From: Ryan Roberts <ryan.roberts@arm.com>
To: Kevin Brodsky <kevin.brodsky@arm.com>, linux-mm@kvack.org
Cc: linux-kernel@vger.kernel.org,
Alexander Gordeev <agordeev@linux.ibm.com>,
Andreas Larsson <andreas@gaisler.com>,
Andrew Morton <akpm@linux-foundation.org>,
Boris Ostrovsky <boris.ostrovsky@oracle.com>,
Borislav Petkov <bp@alien8.de>,
Catalin Marinas <catalin.marinas@arm.com>,
Christophe Leroy <christophe.leroy@csgroup.eu>,
Dave Hansen <dave.hansen@linux.intel.com>,
David Hildenbrand <david@redhat.com>,
"David S. Miller" <davem@davemloft.net>,
David Woodhouse <dwmw2@infradead.org>,
"H. Peter Anvin" <hpa@zytor.com>, Ingo Molnar <mingo@redhat.com>,
Jann Horn <jannh@google.com>, Juergen Gross <jgross@suse.com>,
"Liam R. Howlett" <Liam.Howlett@oracle.com>,
Lorenzo Stoakes <lorenzo.stoakes@oracle.com>,
Madhavan Srinivasan <maddy@linux.ibm.com>,
Michael Ellerman <mpe@ellerman.id.au>,
Michal Hocko <mhocko@suse.com>, Mike Rapoport <rppt@kernel.org>,
Nicholas Piggin <npiggin@gmail.com>,
Peter Zijlstra <peterz@infradead.org>,
Suren Baghdasaryan <surenb@google.com>,
Thomas Gleixner <tglx@linutronix.de>,
Vlastimil Babka <vbabka@suse.cz>, Will Deacon <will@kernel.org>,
Yeoreum Yun <yeoreum.yun@arm.com>,
linux-arm-kernel@lists.infradead.org,
linuxppc-dev@lists.ozlabs.org, sparclinux@vger.kernel.org,
xen-devel@lists.xenproject.org, x86@kernel.org
Subject: Re: [PATCH v4 07/12] mm: enable lazy_mmu sections to nest
Date: Tue, 11 Nov 2025 17:03:14 +0000 [thread overview]
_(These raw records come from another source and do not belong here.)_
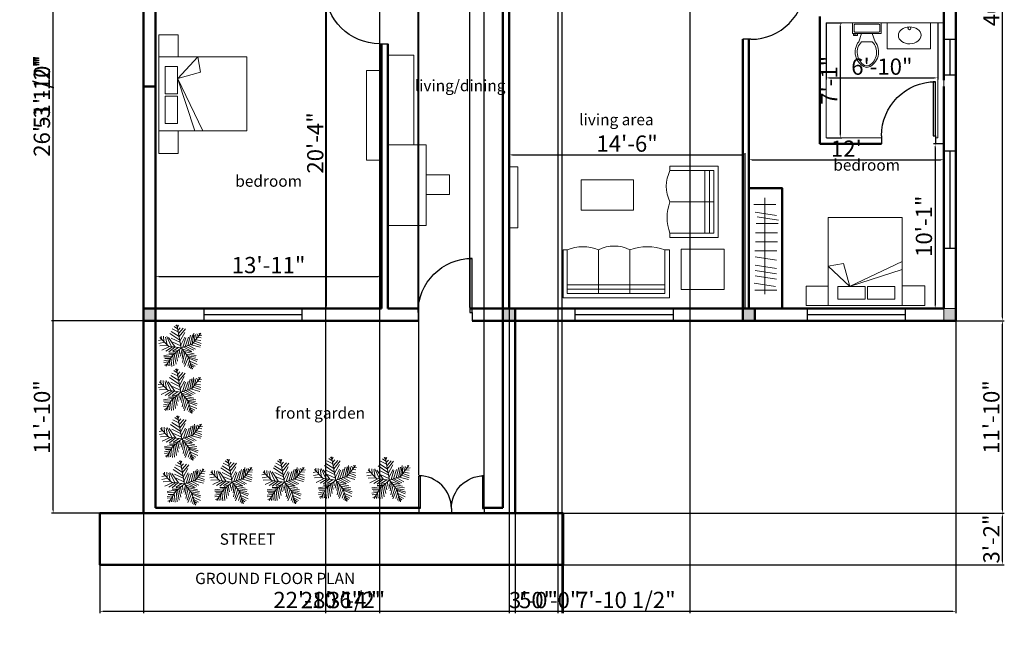
# Model space of a CAD drawing. Units: inches. Extents: x 1367 to 2309, y 1406 to 3826.
# Tile 1 of 9: x 1417 to 2144, y 1406 to 1853. Entities that reach past the tile are written whole.
import ezdxf

# ---------------------------------------------------------------- set-up
doc = ezdxf.new("R2010")
doc.units = ezdxf.units.IN
for name, color, linetype, lineweight in [('A-ANNO-DIMS', 2, 'Continuous', 18), ('A-ANNO-TEXT', 7, 'Continuous', 25), ('A-AREA-IDEN', 3, 'Continuous', 18), ('A-DOOR', 4, 'Continuous', 25), ('A-FLOR-FIXT', 8, 'Continuous', 18), ('A-FURN', 8, 'Continuous', 18), ('A-GLAZ', 4, 'Continuous', 25), ('A-WALL', 7, 'Continuous', 50), ('A-WALL-PATT', 8, 'Continuous', 18), ('garden', 80, 'Continuous', 18)]:
    doc.layers.add(name, color=color, linetype=linetype, lineweight=lineweight)
doc.styles.get("Standard").update_dxf_attribs({"font": 'arial.ttf'})
doc.dimstyles.new('ISO-25', dxfattribs={"dimtxt": 12, "dimasz": 2.5, "dimexe": 1.25, "dimexo": 0.625, "dimtad": 1, "dimdec": 0, "dimlunit": 4, "dimtxsty": 'Standard', "dimcen": 2.5, "dimadec": 0, "dimazin": 0, "dimtfac": 1, "dimtdec": 0, "dimtmove": 0, "dimatfit": 3, "dimfxl": 1, "dimarcsym": 0})

# ---------------------------------------------------------------- blocks, each defined once
blk = doc.blocks.new('*U2')
for p, q in [((0, 0), (0, -6)), ((40, 0), (40, -6))]:
    blk.add_line(p, q)
blk.add_lwpolyline([(0, 0), (0, 40), (1.75, 40), (1.75, 0)], close=True)
blk.add_arc((0, 0), 40, 0, 90)
blk = doc.blocks.new('*U4')
for p, q in [((9.5, -6), (9.5, -2)), ((-10, -8.5), (-8, -8.5)), ((-10, -9.5), (-10, -8.5)), ((-7, -9.5), (-10, -9.5)), ((-8, -8.5), (-8, -8)), ((-7, -8), (-7, -9.5)), ((-4, -8), (-6, -14)), ((4, -14), (-4, -14)), ((4, -8), (6, -14))]:
    blk.add_line(p, q)
blk.add_lwpolyline([(10.5, -8), (10.5, 0), (-10.5, 0), (-10.5, -8)], close=True)
for points in [[(-9.5, -2), (-9.5, -6)], [(8.5, -1), (-8.5, -1)], [(-8.5, -7), (8.5, -7)]]:
    blk.add_lwpolyline(points)
for centre, radius, start, end in [((-8.62, -1.88), 0.884, 81.8699, 188.1301), ((-8.62, -6.12), 0.884, 171.8699, 278.1301), ((8.62, -1.88), 0.884, 351.8699, 98.1301), ((8.62, -6.12), 0.884, 261.8699, 8.1301), ((3.52, -21.58), 12.17, 141.46911, 247.97143), ((4.2, -21.82), 11.33, 136.36773, 238.94682), ((-3.52, -21.58), 12.17, 292.02843, 38.53071), ((-4.2, -21.82), 11.33, 301.05301, 43.63209), ((0, -27.88), 4, 245.73182, 294.26817), ((0, -29), 4, 254.86053, 285.13947)]:
    blk.add_arc(centre, radius, start, end)
blk = doc.blocks.new('*U6')
for p, q in [((-8.737, 47.138), (-17.069, 52.711)), ((-10.186, 53.64), (-13.084, 55.962)), ((0, 0), (-10.5, 57)), ((-9.099, 51.782), (-6.563, 55.962)), ((-7.65, 43.423), (-2.578, 49.46)), ((-31.5, 4.5), (-52.5, 25.5)), ((-48.585, 21.131), (-49.309, 29.026)), ((-43.513, 28.561), (-42.427, 15.558)), ((-38.442, 26.239), (-34.819, 7.663)), ((-35.544, 28.097), (-24.314, 3.947)), ((-14.533, 2.09), (-30.834, 25.31)), ((-3.665, 19.273), (-27.574, 35.527)), ((-5.114, 28.097), (-24.676, 40.636)), ((-7.288, 39.707), (-21.778, 46.673)), ((-5.839, 35.992), (4.667, 48.067)), ((-5.114, 27.632), (10.463, 46.673)), ((-2.941, 16.486), (8.652, 37.85)), ((-1.129, 6.734), (9.014, 26.704)), ((3.942, 1.625), (11.187, 24.381)), ((10.101, 3.483), (17.708, 26.239)), ((16.259, 5.805), (23.142, 31.348)), ((22.055, 7.198), (27.489, 32.277)), ((27, 9), (48, 36)), ((27.127, 9.056), (31.112, 35.992)), ((31.836, 30.883), (32.561, 16.486)), ((35.096, 32.741), (37.27, 22.524)), ((38.719, 34.134), (41.979, 28.561)), ((40.53, 25.775), (48.862, 24.846)), ((43.791, 29.954), (51.036, 30.883)), ((44.153, 36.456), (45.239, 32.741)), ((-47.498, 19.737), (-55.83, 18.344)), ((-40.615, 13.7), (-55.105, 10.913)), ((-33.37, 6.269), (-52.207, 5.34)), ((-28.299, 3.483), (-47.86, -5.805)), ((-21.416, 3.018), (-38.079, -8.128)), ((0, 0), (-31.5, 4.5)), ((-15.982, 2.09), (-30.11, -9.521)), ((-24.314, 23.917), (-2.941, 13.7)), ((0, 0), (-22.5, -19.5)), ((-6.563, 1.161), (-21.416, -8.128)), ((-20.691, 13.7), (-1.129, 4.876)), ((0, 0), (27, 9)), ((0, 0), (18, -22.5)), ((6.478, 1.625), (26.04, -8.592)), ((11.187, 3.483), (30.749, -5.805)), ((18.07, 5.805), (35.096, -3.483)), ((24.229, 7.663), (46.688, 1.625)), ((29.662, 12.307), (48.137, 6.269)), ((33.285, 16.486), (48.862, 10.913)), ((36.183, 19.737), (48.137, 17.88)), ((-17.431, -15.094), (-42.789, -18.809)), ((-24.314, -21.596), (-42.427, -22.06)), ((-22.5, -19.5), (-37.5, -45)), ((-15.257, -12.772), (-30.11, -12.772)), ((-25.038, -23.918), (-22.865, -45.281)), ((-20.691, -18.345), (-17.793, -44.352)), ((-6.563, -5.805), (-19.967, -9.985)), ((-17.069, -15.094), (-12.721, -40.172)), ((-13.446, -11.378), (-8.737, -32.741)), ((-9.461, -8.592), (-6.201, -23.453)), ((-4.752, -3.483), (-3.665, -14.629)), ((2.493, -3.019), (-1.491, -20.202)), ((1.769, -2.555), (24.229, -9.521)), ((5.029, -6.27), (2.131, -25.775)), ((9.014, -11.378), (3.58, -35.992)), ((14.085, -16.951), (6.478, -40.172)), ((7.565, -9.056), (32.198, -14.629)), ((18.07, -22.524), (8.289, -45.745)), ((12.274, -15.094), (36.907, -18.809)), ((16.259, -19.738), (36.183, -22.989)), ((18, -22.5), (27, -52.5)), ((18.433, -22.524), (40.53, -29.026)), ((-28.299, -29.026), (-42.789, -31.348)), ((-30.834, -34.135), (-42.427, -35.528)), ((-34.457, -39.708), (-40.978, -42.494)), ((-26.849, -26.24), (-40.253, -25.775)), ((-32.646, -36.921), (-31.921, -44.352)), ((-29.023, -30.884), (-27.936, -43.887)), ((20.244, -30.419), (15.897, -44.816)), ((19.157, -25.311), (38.719, -33.206)), ((22.78, -37.85), (19.519, -48.532)), ((21.331, -32.741), (39.081, -40.636)), ((22.78, -38.314), (34.372, -44.816)), ((24.591, -45.745), (23.142, -50.854)), ((24.591, -43.423), (30.749, -47.603)), ((26.764, -49.925), (28.213, -50.854))]:
    blk.add_line(p, q)
blk = doc.blocks.new('*D25')
at = {"layer": 'A-ANNO-DIMS', "color": 0, "lineweight": -2, "transparency": 16777216}
for p, q in [((1517.49, 1640.75), (1517.49, 1665.11)), ((1684.37, 1640.75), (1684.37, 1665.11)), ((1519.99, 1663.86), (1681.87, 1663.86))]:
    blk.add_line(p, q, dxfattribs=at)
at = {"layer": 'A-ANNO-DIMS', "color": 0, "lineweight": 100, "transparency": 16777216}
for points in [[(1519.99, 1664.28), (1519.99, 1663.45), (1517.49, 1663.86)], [(1681.87, 1664.28), (1681.87, 1663.45), (1684.37, 1663.86)]]:
    blk.add_solid(points, dxfattribs=at)
at = {"layer": 'Defpoints', "color": 0, "lineweight": 100, "transparency": 16777216}
for p in [(1684.37, 1663.86), (1517.49, 1640.13), (1684.37, 1640.13)]:
    blk.add_point(p, dxfattribs=at)
at = {"layer": 'A-ANNO-DIMS', "color": 0, "transparency": 16777216, "insert": (1600.93, 1670.62), "char_height": 12, "attachment_point": 5}
blk.add_mtext('13\'-11"', dxfattribs=at)
blk = doc.blocks.new('*D26')
at = {"layer": 'A-ANNO-DIMS', "color": 0, "lineweight": -2, "transparency": 16777216}
for p, q in [((1683.74, 1884.56), (1642.43, 1884.56)), ((1643.68, 1642.63), (1643.68, 1882.06)), ((1683.74, 1640.13), (1642.43, 1640.13))]:
    blk.add_line(p, q, dxfattribs=at)
at = {"layer": 'A-ANNO-DIMS', "color": 0, "lineweight": 100, "transparency": 16777216}
for points in [[(1643.26, 1882.06), (1644.09, 1882.06), (1643.68, 1884.56)], [(1643.26, 1642.63), (1644.09, 1642.63), (1643.68, 1640.13)]]:
    blk.add_solid(points, dxfattribs=at)
at = {"layer": 'Defpoints', "color": 0, "lineweight": 100, "transparency": 16777216}
for p in [(1643.68, 1884.56), (1684.37, 1884.56), (1684.37, 1640.13)]:
    blk.add_point(p, dxfattribs=at)
at = {"layer": 'A-ANNO-DIMS', "color": 0, "transparency": 16777216, "insert": (1636.93, 1762.34), "char_height": 12, "attachment_point": 5, "rotation": 90}
blk.add_mtext('20\'-4"', dxfattribs=at)
blk = doc.blocks.new('*D32')
at = {"layer": 'A-ANNO-DIMS', "color": 0, "lineweight": -2, "transparency": 16777216}
for p, q in [((2013.15, 1851.08), (2024.31, 1851.08)), ((2023.06, 1848.58), (2023.06, 1768.57)), ((2013.15, 1766.07), (2024.31, 1766.07))]:
    blk.add_line(p, q, dxfattribs=at)
at = {"layer": 'A-ANNO-DIMS', "color": 0, "lineweight": 100, "transparency": 16777216}
for points in [[(2022.64, 1848.58), (2023.47, 1848.58), (2023.06, 1851.08)], [(2022.64, 1768.57), (2023.47, 1768.57), (2023.06, 1766.07)]]:
    blk.add_solid(points, dxfattribs=at)
at = {"layer": 'Defpoints', "color": 0, "lineweight": 100, "transparency": 16777216}
for p in [(2012.53, 1851.08), (2012.53, 1766.07), (2023.06, 1766.07)]:
    blk.add_point(p, dxfattribs=at)
at = {"layer": 'A-ANNO-DIMS', "color": 0, "transparency": 16777216, "insert": (2016.41, 1808.58), "char_height": 12, "attachment_point": 5, "rotation": 90}
blk.add_mtext('7\'-1"', dxfattribs=at)
blk = doc.blocks.new('*D33')
at = {"layer": 'A-ANNO-DIMS', "color": 0, "lineweight": -2, "transparency": 16777216}
for p, q in [((2012.53, 1850.45), (2012.53, 1809.12)), ((2094.99, 1850.45), (2094.99, 1809.12)), ((2015.03, 1810.37), (2092.49, 1810.37))]:
    blk.add_line(p, q, dxfattribs=at)
at = {"layer": 'A-ANNO-DIMS', "color": 0, "lineweight": 100, "transparency": 16777216}
for points in [[(2015.03, 1810.79), (2015.03, 1809.95), (2012.53, 1810.37)], [(2092.49, 1810.79), (2092.49, 1809.95), (2094.99, 1810.37)]]:
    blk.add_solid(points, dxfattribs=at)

Message-ID: <8f70692c-25a9-4bd0-94ab-43ab435e4b1b@arm.com> (raw)
In-Reply-To: <58fd1a6e-f2c4-421c-9b95-dea4b244a515@arm.com>
On 11/11/2025 15:56, Kevin Brodsky wrote:
> On 11/11/2025 10:24, Ryan Roberts wrote:
>> [...]
>>
>>>>> + state->active = true;
>>>>> + arch_enter_lazy_mmu_mode();
>>>>> + }
>>>>> }
>>>>>
>>>>> static inline void lazy_mmu_mode_disable(void)
>>>>> {
>>>>> - arch_leave_lazy_mmu_mode();
>>>>> + struct lazy_mmu_state *state = ¤t->lazy_mmu_state;
>>>>> +
>>>>> + VM_WARN_ON_ONCE(state->nesting_level == 0);
>>>>> + VM_WARN_ON(!state->active);
>>>>> +
>>>>> + if (--state->nesting_level == 0) {
>>>>> + state->active = false;
>>>>> + arch_leave_lazy_mmu_mode();
>>>>> + } else {
>>>>> + /* Exiting a nested section */
>>>>> + arch_flush_lazy_mmu_mode();
>>>>> + }
>>>>> }
>>>>>
>>>>> static inline void lazy_mmu_mode_pause(void)
>>>>> {
>>>>> + struct lazy_mmu_state *state = ¤t->lazy_mmu_state;
>>>>> +
>>>>> + VM_WARN_ON(state->nesting_level == 0 || !state->active);
>>>> nit: do you need the first condition? I think when nesting_level==0, we expect
>>>> to be !active?
>>> I suppose this should never happen indeed - I was just being extra
>>> defensive.
>>>
>>> Either way David suggested allowing pause()/resume() to be called
>>> outside of any section so the next version will bail out on
>>> nesting_level == 0.
>> Ignoring my current opinion that we don't need pause/resume at all for now; Are
>> you suggesting that pause/resume will be completely independent of
>> enable/disable? I think that would be best. So enable/disable increment and
>> decrement the nesting_level counter regardless of whether we are paused.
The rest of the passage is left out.